Department of Biological Systems, Biological and Health Sciences Division , Metropolitan Autonomous University-Campus Xochimilco (UAM-X) , Mexico City 04960 , Mexico.
Department of Pharmacy, Faculty of Chemistry , National Autonomous University of Mexico , Mexico City 04510 , Mexico.
Department of Molecular Medicine, Faculty of Medicine , Université Laval , Québec , Québec G1V 0A6 , Canada.

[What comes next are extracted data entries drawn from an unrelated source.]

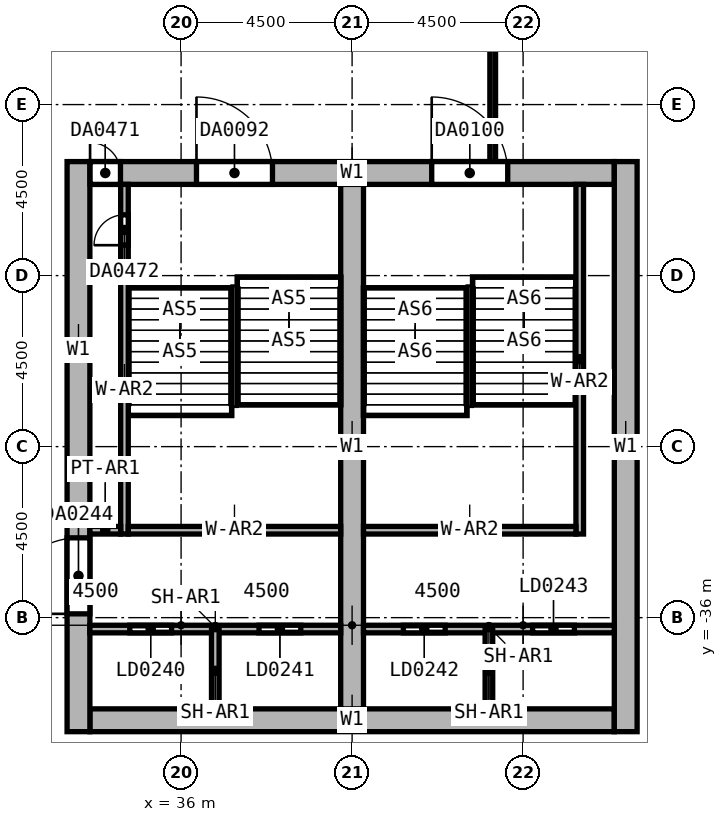
"""IFC4 building model, lengths in metres.
Left out: names, types, materials, properties, quantities, classifications, styles, units other than length and angle.
Written with IfcOpenShell. Run it as: python <this file> out.ifc"""

import sys

from ifc_helpers import new_model, si_unit, direction, frame, frame_2d, origin, place, context, subcontext, project, spatial, rectangle, extrude, element, fill, save


model = new_model("IFC4")
c1 = context("Model", 3, precision=1e-05, world=origin(), true_north=direction((0.0, 1.0)))
c2 = subcontext(c1, "Body", "Model", "MODEL_VIEW")
j1 = project(units=[si_unit("LENGTHUNIT", "METRE"), si_unit("PLANEANGLEUNIT", "RADIAN")], contexts=[c1])
p1 = place(None, origin())
s1 = spatial("IfcSite", under=j1, at=p1, CompositionType="ELEMENT")
p2 = place(p1, origin())
s2 = spatial("IfcBuilding", under=s1, at=p2, CompositionType="ELEMENT")
p3 = place(p2, frame((0.0, 0.0, 52.0)))
s3 = spatial("IfcBuildingStorey", under=s2, at=p3, CompositionType="ELEMENT", Elevation=52.0)
p4 = place(p3, frame((33.6, -24.3, 0.0), z_axis=(0.0, 0.0, 1.0), x_axis=(1.0, 0.0, 0.0)))
e1 = element("IfcWall", 1, at=p4, inside=s3, PredefinedType="SHEAR", context=c2, shape_type="SweptSolid", body=[
    extrude(rectangle(XDim=13.8, YDim=0.6, at=frame_2d((6.9, 0.0))), origin(), (0.0, 0.0, 1.0), 8.0),
])
p5 = place(p4, frame((2.805, 0.0, 0.0)))
e2 = element("IfcOpeningElement", 2, at=p5, cuts=e1, PredefinedType="OPENING", context=c2, shape_type="SweptSolid", body=[
    extrude(rectangle(XDim=2.0, YDim=2.4, at=frame_2d((1.0, 1.2))), frame((0.0, 0.3, 0.0), z_axis=(0.0, -1.0, 0.0), x_axis=(1.0, 0.0, 0.0)), (0.0, 0.0, 1.0), 0.6),
])
p6 = place(p4, frame((8.995, 0.0, 0.0)))
e3 = element("IfcOpeningElement", 3, at=p6, cuts=e1, PredefinedType="OPENING", context=c2, shape_type="SweptSolid", body=[
    extrude(rectangle(XDim=2.0, YDim=2.4, at=frame_2d((1.0, 1.2))), frame((0.0, 0.3, 0.0), z_axis=(0.0, -1.0, 0.0), x_axis=(1.0, 0.0, 0.0)), (0.0, 0.0, 1.0), 0.6),
])
p7 = place(p4, frame((0.005, 0.0, 0.0)))
e4 = element("IfcOpeningElement", 4, at=p7, cuts=e1, PredefinedType="OPENING", context=c2, shape_type="SweptSolid", body=[
    extrude(rectangle(XDim=0.8, YDim=2.1, at=frame_2d((0.4, 1.05))), frame((0.0, 0.3, 0.0), z_axis=(0.0, -1.0, 0.0), x_axis=(1.0, 0.0, 0.0)), (0.0, 0.0, 1.0), 0.6),
])
p8 = place(p3, frame((33.6, -38.7, 0.0), z_axis=(0.0, 0.0, 1.0), x_axis=(1.0, 0.0, 0.0)))
e5 = element("IfcWall", 5, at=p8, inside=s3, PredefinedType="SHEAR", context=c2, shape_type="SweptSolid", body=[
    extrude(rectangle(XDim=13.8, YDim=0.6, at=frame_2d((6.9, 0.0))), origin(), (0.0, 0.0, 1.0), 8.0),
])
p9 = place(p3, frame((33.3, -39.0, 0.0), z_axis=(0.0, 0.0, 1.0), x_axis=(0.0, 1.0, 0.0)))
e6 = element("IfcWall", 6, at=p9, inside=s3, PredefinedType="SHEAR", context=c2, shape_type="SweptSolid", body=[
    extrude(rectangle(XDim=15.0, YDim=0.6, at=frame_2d((7.5, 0.0))), origin(), (0.0, 0.0, 1.0), 8.0),
])
p10 = place(p9, frame((3.1, 0.0, 0.0)))
e7 = element("IfcOpeningElement", 7, at=p10, cuts=e6, PredefinedType="OPENING", context=c2, shape_type="SweptSolid", body=[
    extrude(rectangle(XDim=2.0, YDim=2.4, at=frame_2d((1.0, 1.2))), frame((0.0, 0.3, 0.0), z_axis=(0.0, -1.0, 0.0), x_axis=(1.0, 0.0, 0.0)), (0.0, 0.0, 1.0), 0.6),
])
p11 = place(p3, frame((47.7, -39.0, 0.0), z_axis=(0.0, 0.0, 1.0), x_axis=(0.0, 1.0, 0.0)))
e8 = element("IfcWall", 8, at=p11, inside=s3, PredefinedType="SHEAR", context=c2, shape_type="SweptSolid", body=[
    extrude(rectangle(XDim=15.0, YDim=0.6, at=frame_2d((7.5, 0.0))), origin(), (0.0, 0.0, 1.0), 8.0),
])
p12 = place(p3, frame((40.5, -38.4, 0.0), z_axis=(0.0, 0.0, 1.0), x_axis=(0.0, 1.0, 0.0)))
e9 = element("IfcWall", 9, at=p12, inside=s3, PredefinedType="SHEAR", context=c2, shape_type="SweptSolid", body=[
    extrude(rectangle(XDim=13.8, YDim=0.6, at=frame_2d((6.9, 0.0))), origin(), (0.0, 0.0, 1.0), 8.0),
])
p13 = place(p3, frame((34.51, -33.8, 0.0), z_axis=(0.0, 0.0, 1.0), x_axis=(0.0, 1.0, 0.0)))
e10 = element("IfcWall", 10, at=p13, inside=s3, PredefinedType="SOLIDWALL", context=c2, shape_type="SweptSolid", body=[
    extrude(rectangle(XDim=9.2, YDim=0.2, at=frame_2d((4.6, 0.0))), origin(), (0.0, 0.0, 1.0), 8.0),
])
p14 = place(p13, frame((7.6, 0.0, 0.0)))
e11 = element("IfcOpeningElement", 11, at=p14, cuts=e10, PredefinedType="OPENING", context=c2, shape_type="SweptSolid", body=[
    extrude(rectangle(XDim=0.8, YDim=2.1, at=frame_2d((0.4, 1.05))), frame((0.0, 0.1, 0.0), z_axis=(0.0, -1.0, 0.0), x_axis=(1.0, 0.0, 0.0)), (0.0, 0.0, 1.0), 0.2),
])
p15 = place(p3, frame((34.61, -33.7, 0.0), z_axis=(0.0, 0.0, 1.0), x_axis=(1.0, 0.0, 0.0)))
e12 = element("IfcWall", 12, at=p15, inside=s3, PredefinedType="SOLIDWALL", context=c2, shape_type="SweptSolid", body=[
    extrude(rectangle(XDim=5.59, YDim=0.2, at=frame_2d((2.795, 0.0))), origin(), (0.0, 0.0, 1.0), 8.0),
])
p16 = place(p3, frame((46.49, -33.8, 0.0), z_axis=(0.0, 0.0, 1.0), x_axis=(0.0, 1.0, 0.0)))
e13 = element("IfcWall", 13, at=p16, inside=s3, PredefinedType="SOLIDWALL", context=c2, shape_type="SweptSolid", body=[
    extrude(rectangle(XDim=9.2, YDim=0.2, at=frame_2d((4.6, 0.0))), origin(), (0.0, 0.0, 1.0), 8.0),
])
p17 = place(p3, frame((40.8, -33.7, 0.0), z_axis=(0.0, 0.0, 1.0), x_axis=(1.0, 0.0, 0.0)))
e14 = element("IfcWall", 14, at=p17, inside=s3, PredefinedType="SOLIDWALL", context=c2, shape_type="SweptSolid", body=[
    extrude(rectangle(XDim=5.59, YDim=0.2, at=frame_2d((2.795, 0.0))), origin(), (0.0, 0.0, 1.0), 8.0),
])
p18 = place(p3, frame((33.6, -36.3, 0.0), z_axis=(0.0, 0.0, 1.0), x_axis=(1.0, 0.0, 0.0)))
e15 = element("IfcWall", 15, at=p18, inside=s3, PredefinedType="SHEAR", context=c2, shape_type="SweptSolid", body=[
    extrude(rectangle(XDim=6.6, YDim=0.2, at=frame_2d((3.3, 0.0))), origin(), (0.0, 0.0, 1.0), 8.0),
])
p19 = place(p18, frame((1.05, 0.0, 0.0)))
e16 = element("IfcOpeningElement", 16, at=p19, cuts=e15, PredefinedType="OPENING", context=c2, shape_type="SweptSolid", body=[
    extrude(rectangle(XDim=1.1, YDim=2.4, at=frame_2d((0.55, 1.2))), frame((0.0, 0.1, 0.0), z_axis=(0.0, -1.0, 0.0), x_axis=(1.0, 0.0, 0.0)), (0.0, 0.0, 1.0), 0.2),
])
p20 = place(p18, frame((4.45, 0.0, 0.0)))
e17 = element("IfcOpeningElement", 17, at=p20, cuts=e15, PredefinedType="OPENING", context=c2, shape_type="SweptSolid", body=[
    extrude(rectangle(XDim=1.1, YDim=2.4, at=frame_2d((0.55, 1.2))), frame((0.0, 0.1, 0.0), z_axis=(0.0, -1.0, 0.0), x_axis=(1.0, 0.0, 0.0)), (0.0, 0.0, 1.0), 0.2),
])
p21 = place(p3, frame((40.8, -36.3, 0.0), z_axis=(0.0, 0.0, 1.0), x_axis=(1.0, 0.0, 0.0)))
e18 = element("IfcWall", 18, at=p21, inside=s3, PredefinedType="SHEAR", context=c2, shape_type="SweptSolid", body=[
    extrude(rectangle(XDim=6.6, YDim=0.2, at=frame_2d((3.3, 0.0))), origin(), (0.0, 0.0, 1.0), 8.0),
])
p22 = place(p21, frame((1.05, 0.0, 0.0)))
e19 = element("IfcOpeningElement", 19, at=p22, cuts=e18, PredefinedType="OPENING", context=c2, shape_type="SweptSolid", body=[
    extrude(rectangle(XDim=1.1, YDim=2.4, at=frame_2d((0.55, 1.2))), frame((0.0, 0.1, 0.0), z_axis=(0.0, -1.0, 0.0), x_axis=(1.0, 0.0, 0.0)), (0.0, 0.0, 1.0), 0.2),
])
p23 = place(p21, frame((4.45, 0.0, 0.0)))
e20 = element("IfcOpeningElement", 20, at=p23, cuts=e18, PredefinedType="OPENING", context=c2, shape_type="SweptSolid", body=[
    extrude(rectangle(XDim=1.1, YDim=2.4, at=frame_2d((0.55, 1.2))), frame((0.0, 0.1, 0.0), z_axis=(0.0, -1.0, 0.0), x_axis=(1.0, 0.0, 0.0)), (0.0, 0.0, 1.0), 0.2),
])
for number, where, z_axis, x_axis in (
    (21, (36.9, -38.4, 0.0), (0.0, 0.0, 1.0), (0.0, 1.0, 0.0)),
    (22, (44.1, -38.4, 0.0), (0.0, 0.0, 1.0), (0.0, 1.0, 0.0)),
):
    element("IfcWall", number, at=place(p3, frame(where, z_axis=z_axis, x_axis=x_axis)), inside=s3, PredefinedType="SHEAR", context=c2, shape_type="SweptSolid", body=[
        extrude(rectangle(XDim=2.1, YDim=0.2, at=frame_2d((1.05, 0.0))), origin(), (0.0, 0.0, 1.0), 8.0),
    ])
p24 = place(p3, frame((33.6, -33.7, 0.0), z_axis=(0.0, 0.0, 1.0), x_axis=(1.0, 0.0, 0.0)))
e23 = element("IfcWall", 23, at=p24, inside=s3, PredefinedType="PARTITIONING", context=c2, shape_type="SweptSolid", body=[
    extrude(rectangle(XDim=0.81, YDim=0.2, at=frame_2d((0.405, 0.0))), origin(), (0.0, 0.0, 1.0), 8.0),
])
p25 = place(p3, frame((44.2, -24.0, 0.0), z_axis=(0.0, 0.0, 1.0), x_axis=(0.0, 1.0, 0.0)))
e24 = element("IfcWall", 24, at=p25, inside=s3, PredefinedType="SOLIDWALL", context=c2, shape_type="SweptSolid", body=[
    extrude(rectangle(XDim=9.0, YDim=0.15, at=frame_2d((4.5, 0.0))), origin(), (0.0, 0.0, 1.0), 7.7),
])
p26 = place(p5, frame((2.0, 0.0, 0.0), z_axis=(0.0, 0.0, 1.0), x_axis=(-1.0, 0.0, 0.0)))
e25 = element("IfcDoor", 25, at=p26, inside=s3, OperationType="DOUBLE_DOOR_SINGLE_SWING", PredefinedType="DOOR", context=c2, shape_type="SweptSolid", body=[
    extrude(rectangle(XDim=2.0, YDim=2.4, at=frame_2d((1.0, 1.2))), frame((0.0, 0.025, 0.0), z_axis=(0.0, -1.0, 0.0), x_axis=(1.0, 0.0, 0.0)), (0.0, 0.0, 1.0), 0.05),
])
fill(e2, e25)
p27 = place(p6, frame((2.0, 0.0, 0.0), z_axis=(0.0, 0.0, 1.0), x_axis=(-1.0, 0.0, 0.0)))
e26 = element("IfcDoor", 26, at=p27, inside=s3, OperationType="DOUBLE_DOOR_SINGLE_SWING", PredefinedType="DOOR", context=c2, shape_type="SweptSolid", body=[
    extrude(rectangle(XDim=2.0, YDim=2.4, at=frame_2d((1.0, 1.2))), frame((0.0, 0.025, 0.0), z_axis=(0.0, -1.0, 0.0), x_axis=(1.0, 0.0, 0.0)), (0.0, 0.0, 1.0), 0.05),
])
fill(e3, e26)
p28 = place(p19, frame((1.1, 0.0, 0.0), z_axis=(0.0, 0.0, 1.0), x_axis=(-1.0, 0.0, 0.0)))
e27 = element("IfcDoor", 27, at=p28, inside=s3, OperationType="DOUBLE_DOOR_SLIDING", PredefinedType="DOOR", context=c2, shape_type="SweptSolid", body=[
    extrude(rectangle(XDim=1.1, YDim=2.4, at=frame_2d((0.55, 1.2))), frame((0.0, 0.025, 0.0), z_axis=(0.0, -1.0, 0.0), x_axis=(1.0, 0.0, 0.0)), (0.0, 0.0, 1.0), 0.05),
])
fill(e16, e27)
p29 = place(p20, frame((1.1, 0.0, 0.0), z_axis=(0.0, 0.0, 1.0), x_axis=(-1.0, 0.0, 0.0)))
e28 = element("IfcDoor", 28, at=p29, inside=s3, OperationType="DOUBLE_DOOR_SLIDING", PredefinedType="DOOR", context=c2, shape_type="SweptSolid", body=[
    extrude(rectangle(XDim=1.1, YDim=2.4, at=frame_2d((0.55, 1.2))), frame((0.0, 0.025, 0.0), z_axis=(0.0, -1.0, 0.0), x_axis=(1.0, 0.0, 0.0)), (0.0, 0.0, 1.0), 0.05),
])
fill(e17, e28)
p30 = place(p22, frame((1.1, 0.0, 0.0), z_axis=(0.0, 0.0, 1.0), x_axis=(-1.0, 0.0, 0.0)))
e29 = element("IfcDoor", 29, at=p30, inside=s3, OperationType="DOUBLE_DOOR_SLIDING", PredefinedType="DOOR", context=c2, shape_type="SweptSolid", body=[
    extrude(rectangle(XDim=1.1, YDim=2.4, at=frame_2d((0.55, 1.2))), frame((0.0, 0.025, 0.0), z_axis=(0.0, -1.0, 0.0), x_axis=(1.0, 0.0, 0.0)), (0.0, 0.0, 1.0), 0.05),
])
fill(e19, e29)
p31 = place(p23, frame((1.1, 0.0, 0.0), z_axis=(0.0, 0.0, 1.0), x_axis=(-1.0, 0.0, 0.0)))
e30 = element("IfcDoor", 30, at=p31, inside=s3, OperationType="DOUBLE_DOOR_SLIDING", PredefinedType="DOOR", context=c2, shape_type="SweptSolid", body=[
    extrude(rectangle(XDim=1.1, YDim=2.4, at=frame_2d((0.55, 1.2))), frame((0.0, 0.025, 0.0), z_axis=(0.0, -1.0, 0.0), x_axis=(1.0, 0.0, 0.0)), (0.0, 0.0, 1.0), 0.05),
])
fill(e20, e30)
p32 = place(p10, origin())
e31 = element("IfcDoor", 31, at=p32, inside=s3, OperationType="DOUBLE_DOOR_SINGLE_SWING", PredefinedType="DOOR", context=c2, shape_type="SweptSolid", body=[
    extrude(rectangle(XDim=2.0, YDim=2.4, at=frame_2d((1.0, 1.2))), frame((0.0, 0.025, 0.0), z_axis=(0.0, -1.0, 0.0), x_axis=(1.0, 0.0, 0.0)), (0.0, 0.0, 1.0), 0.05),
])
fill(e7, e31)
p33 = place(p7, origin())
e32 = element("IfcDoor", 32, at=p33, inside=s3, OperationType="SINGLE_SWING_LEFT", PredefinedType="DOOR", context=c2, shape_type="SweptSolid", body=[
    extrude(rectangle(XDim=0.8, YDim=2.1, at=frame_2d((0.4, 1.05))), frame((0.0, 0.025, 0.0), z_axis=(0.0, -1.0, 0.0), x_axis=(1.0, 0.0, 0.0)), (0.0, 0.0, 1.0), 0.05),
])
fill(e4, e32)
p34 = place(p14, origin())
e33 = element("IfcDoor", 33, at=p34, inside=s3, OperationType="SINGLE_SWING_LEFT", PredefinedType="DOOR", context=c2, shape_type="SweptSolid", body=[
    extrude(rectangle(XDim=0.8, YDim=2.1, at=frame_2d((0.4, 1.05))), frame((0.0, 0.025, 0.0), z_axis=(0.0, -1.0, 0.0), x_axis=(1.0, 0.0, 0.0)), (0.0, 0.0, 1.0), 0.05),
])
fill(e11, e33)
save(model, sys.argv[1])

Decreasing the intratumoral androgen biosynthesis by using an inhibitor of 17β-hydroxysteroid dehydrogenase type 3 (17β-HSD3) is a strategy to treat prostate cancer. The androsterone (ADT) derivative 1 (RM-532-105) has shown strong inhibitory activity on 17β-HSD3, but needs to be improved. Herein, we describe the chemical synthesis and characterization of two series of analogues to address the impact of A- and D-ring modifications on 17β-HSD3 inhibitory activity, androgenic effect, and metabolic stability. Structure-activity relationships were generated by adding different groups at C16/C17 (D-ring diversification) or replacing the ADT backbone by a nor-androstane or an estrane backbone (A-ring diversification). D-ring derivatives were less potent inhibitors than lead compound 1, whereas steroidal backbone (A-ring) change led to identifying promising novel estrane derivatives. This culminated with potent 17β-HSD3 inhibitors 23, 27, 31, and 33 (IC50 = 0.10, 0.02, 0.13, and 0.17 μM, respectively), which did not stimulate LAPC-4 cell proliferation and displayed higher plasma concentration in mice than lead compound 1.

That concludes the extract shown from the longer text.